Even after operating on Queen Victoria himself, his theory is still under fire. But over the years, Lister's critics quiet or just die off altogether and his influence begins to spread. As he grows into old age, he watches as new products that bear his name, such as "Listerine" are introduced. And though sometimes the use of carbolic acid isn't always the best way to go about things, for the most part, Lister sees his life work come to fruition. And in the end, isn't that what we all want? To know that we somehow made a difference.

I have a feeling that even when his processes and procedures were under fire, Lister was proud to see that his "radical" idea was eventually accepted and that surgery was no longer an art of  butchery but one of precision, meticulousness and one that actually helped people heal without having to sever limbs.

Though the non-stop hospital policies and criticisms of Lister's works get tiresome by the end of the novel, it is essential to show that even when the general populace thought him a quack, there were few who believed in him and took the steps needed to help medicine become the phenomenal field it is today.

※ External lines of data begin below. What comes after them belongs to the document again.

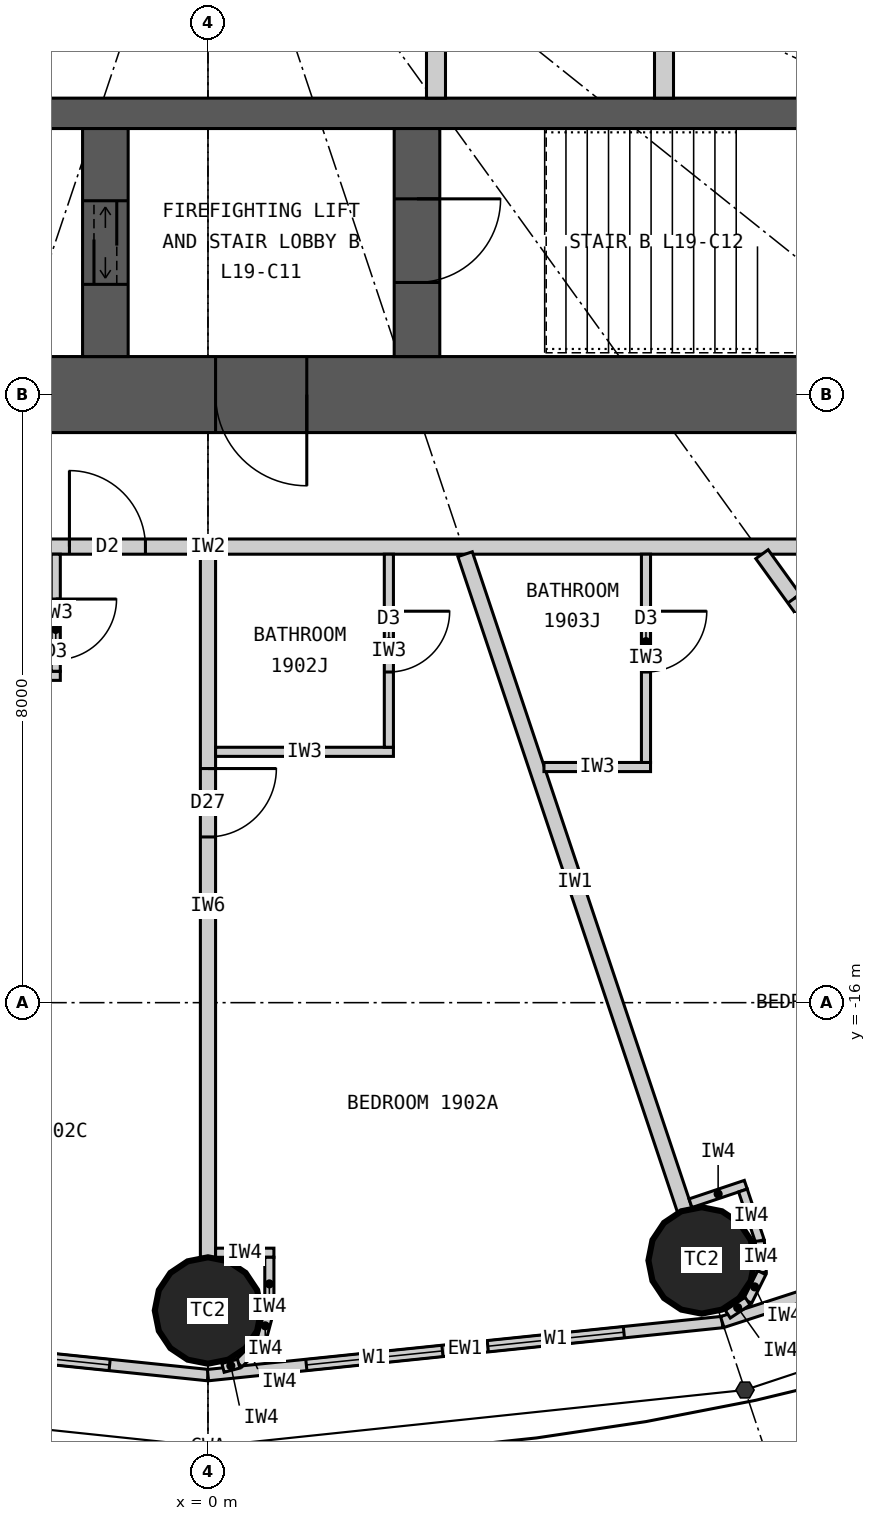
"""IFC4 building model, lengths in metres.
Left out: names, types, materials, properties, quantities, classifications, styles, units other than length and angle.
Written with IfcOpenShell. Run it as: python <this file> out.ifc"""

import sys

from ifc_helpers import new_model, si_unit, direction, frame, frame_2d, origin, origin_2d, place, context, subcontext, project, spatial, rectangle, circle, extrude, element, fill, save


model = new_model("IFC4")
c1 = context("Model", 3, precision=1e-05, world=origin(), true_north=direction((0.0, 1.0)))
c2 = subcontext(c1, "Body", "Model", "MODEL_VIEW")
j1 = project(units=[si_unit("LENGTHUNIT", "METRE"), si_unit("PLANEANGLEUNIT", "RADIAN")], contexts=[c1])
p1 = place(None, origin())
s1 = spatial("IfcSite", under=j1, at=p1, CompositionType="ELEMENT")
p2 = place(p1, origin())
s2 = spatial("IfcBuilding", under=s1, at=p2, CompositionType="ELEMENT")
p3 = place(p2, frame((0.0, 0.0, 77.1)))
s3 = spatial("IfcBuildingStorey", under=s2, at=p3, CompositionType="ELEMENT", Elevation=77.1)
for number, where, z_axis, x_axis in (
    (1, (0.0, -20.05, 0.0), (0.0, 0.0, 1.0), (1.0, 0.0, 0.0)),
    (2, (6.495, -19.391, 0.0), (0.0, 0.0, 1.0), (1.0, 0.0, 0.0)),
):
    element("IfcColumn", number, at=place(p3, frame(where, z_axis=z_axis, x_axis=x_axis)), inside=s3, PredefinedType="COLUMN", context=c2, shape_type="SweptSolid", body=[
        extrude(circle(Radius=0.7, at=origin_2d()), origin(), (0.0, 0.0, 1.0), 3.3),
    ])
p4 = place(p3, frame((12.5, -8.0, 0.0), z_axis=(0.0, 0.0, 1.0), x_axis=(-1.0, 0.0, 0.0)))
e3 = element("IfcWall", 3, at=p4, inside=s3, PredefinedType="SHEAR", context=c2, shape_type="SweptSolid", body=[
    extrude(rectangle(XDim=25.0, YDim=1.0, at=frame_2d((12.5, 0.0))), origin(), (0.0, 0.0, 1.0), 3.3),
])
p5 = place(p4, frame((11.2, 0.0, 0.0)))
e4 = element("IfcOpeningElement", 4, at=p5, cuts=e3, PredefinedType="OPENING", context=c2, shape_type="SweptSolid", body=[
    extrude(rectangle(XDim=1.2, YDim=2.2, at=frame_2d((0.6, 1.1))), frame((0.0, 0.51, 0.0), z_axis=(0.0, -1.0, 0.0), x_axis=(1.0, 0.0, 0.0)), (0.0, 0.0, 1.0), 1.02),
])
p6 = place(p4, frame((18.8, 0.0, 0.0)))
e5 = element("IfcOpeningElement", 5, at=p6, cuts=e3, PredefinedType="OPENING", context=c2, shape_type="SweptSolid", body=[
    extrude(rectangle(XDim=0.9, YDim=2.2, at=frame_2d((0.45, 1.1))), frame((0.0, 0.51, 0.0), z_axis=(0.0, -1.0, 0.0), x_axis=(1.0, 0.0, 0.0)), (0.0, 0.0, 1.0), 1.02),
])
p7 = place(p3, frame((-11.5, -4.3, 0.0), z_axis=(0.0, 0.0, 1.0), x_axis=(1.0, 0.0, 0.0)))
e6 = element("IfcWall", 6, at=p7, inside=s3, PredefinedType="SHEAR", context=c2, shape_type="SweptSolid", body=[
    extrude(rectangle(XDim=23.0, YDim=0.4, at=frame_2d((11.5, 0.0))), origin(), (0.0, 0.0, 1.0), 3.3),
])
p8 = place(p3, frame((2.75, -7.5, 0.0), z_axis=(0.0, 0.0, 1.0), x_axis=(0.0, 1.0, 0.0)))
e7 = element("IfcWall", 7, at=p8, inside=s3, PredefinedType="SHEAR", context=c2, shape_type="SweptSolid", body=[
    extrude(rectangle(XDim=3.0, YDim=0.6, at=frame_2d((1.5, 0.0))), origin(), (0.0, 0.0, 1.0), 3.3),
])
p9 = place(p8, frame((0.975, 0.0, 0.0)))
e8 = element("IfcOpeningElement", 8, at=p9, cuts=e7, PredefinedType="OPENING", context=c2, shape_type="SweptSolid", body=[
    extrude(rectangle(XDim=1.1, YDim=2.2, at=frame_2d((0.55, 1.1))), frame((0.0, 0.31, 0.0), z_axis=(0.0, -1.0, 0.0), x_axis=(1.0, 0.0, 0.0)), (0.0, 0.0, 1.0), 0.62),
])
p10 = place(p3, frame((-1.35, -7.5, 0.0), z_axis=(0.0, 0.0, 1.0), x_axis=(0.0, 1.0, 0.0)))
e9 = element("IfcWall", 9, at=p10, inside=s3, PredefinedType="SHEAR", context=c2, shape_type="SweptSolid", body=[
    extrude(rectangle(XDim=3.0, YDim=0.6, at=frame_2d((1.5, 0.0))), origin(), (0.0, 0.0, 1.0), 3.3),
])
p11 = place(p10, frame((0.95, 0.0, 0.0)))
e10 = element("IfcOpeningElement", 10, at=p11, cuts=e9, PredefinedType="OPENING", context=c2, shape_type="SweptSolid", body=[
    extrude(rectangle(XDim=1.1, YDim=2.2, at=frame_2d((0.55, 1.1))), frame((0.0, 0.31, 0.0), z_axis=(0.0, -1.0, 0.0), x_axis=(1.0, 0.0, 0.0)), (0.0, 0.0, 1.0), 0.62),
])
for number, where, z_axis, x_axis in (
    (11, (3.0, -4.1, 0.0), (0.0, 0.0, 1.0), (0.0, 1.0, 0.0)),
    (12, (6.0, -4.1, 0.0), (0.0, 0.0, 1.0), (0.0, 1.0, 0.0)),
):
    element("IfcWall", number, at=place(p3, frame(where, z_axis=z_axis, x_axis=x_axis)), inside=s3, PredefinedType="PARTITIONING", context=c2, shape_type="SweptSolid", body=[
        extrude(rectangle(XDim=2.35, YDim=0.25, at=frame_2d((1.175, 0.0))), origin(), (0.0, 0.0, 1.0), 3.3),
    ])
p12 = place(p3, frame((-6.766, -20.202, 0.0), z_axis=(0.0, 0.0, 1.0), x_axis=(0.994721394369, -0.102612609291, 0.0)))
e13 = element("IfcWall", 13, at=p12, inside=s3, PredefinedType="ELEMENTEDWALL", context=c2, shape_type="SweptSolid", body=[
    extrude(rectangle(XDim=6.802, YDim=0.15, at=frame_2d((3.401, 0.0))), origin(), (0.0, 0.0, 1.0), 3.12),
])
p13 = place(p12, frame((1.301, 0.0, 0.9)))
e14 = element("IfcOpeningElement", 14, at=p13, cuts=e13, PredefinedType="OPENING", context=c2, shape_type="SweptSolid", body=[
    extrude(rectangle(XDim=1.8, YDim=1.9, at=frame_2d((0.9, 0.95))), frame((0.0, 0.085, 0.0), z_axis=(0.0, -1.0, 0.0), x_axis=(1.0, 0.0, 0.0)), (0.0, 0.0, 1.0), 0.17),
])
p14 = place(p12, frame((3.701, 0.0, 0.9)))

Fitzharris is brutal, ghastly and detailed in her depictions of the horrible incidences that were common in Victorian London, but that's most of what makes this book so morbidly enjoyable. I read it in a day and though sometimes the medical jargon and theories were lost on me, for the most part, it was an entertaining and educational read. To find out where Listerine came from was also a chuckle worthy bonus.

I would recommend this book to anyone who works in the medical field (it'll make you grateful for the hygienic practices we have today), to anyone who is fascinated in the gruesome, gory details of life in Victorian London and to anyone who enjoys learning how history was made.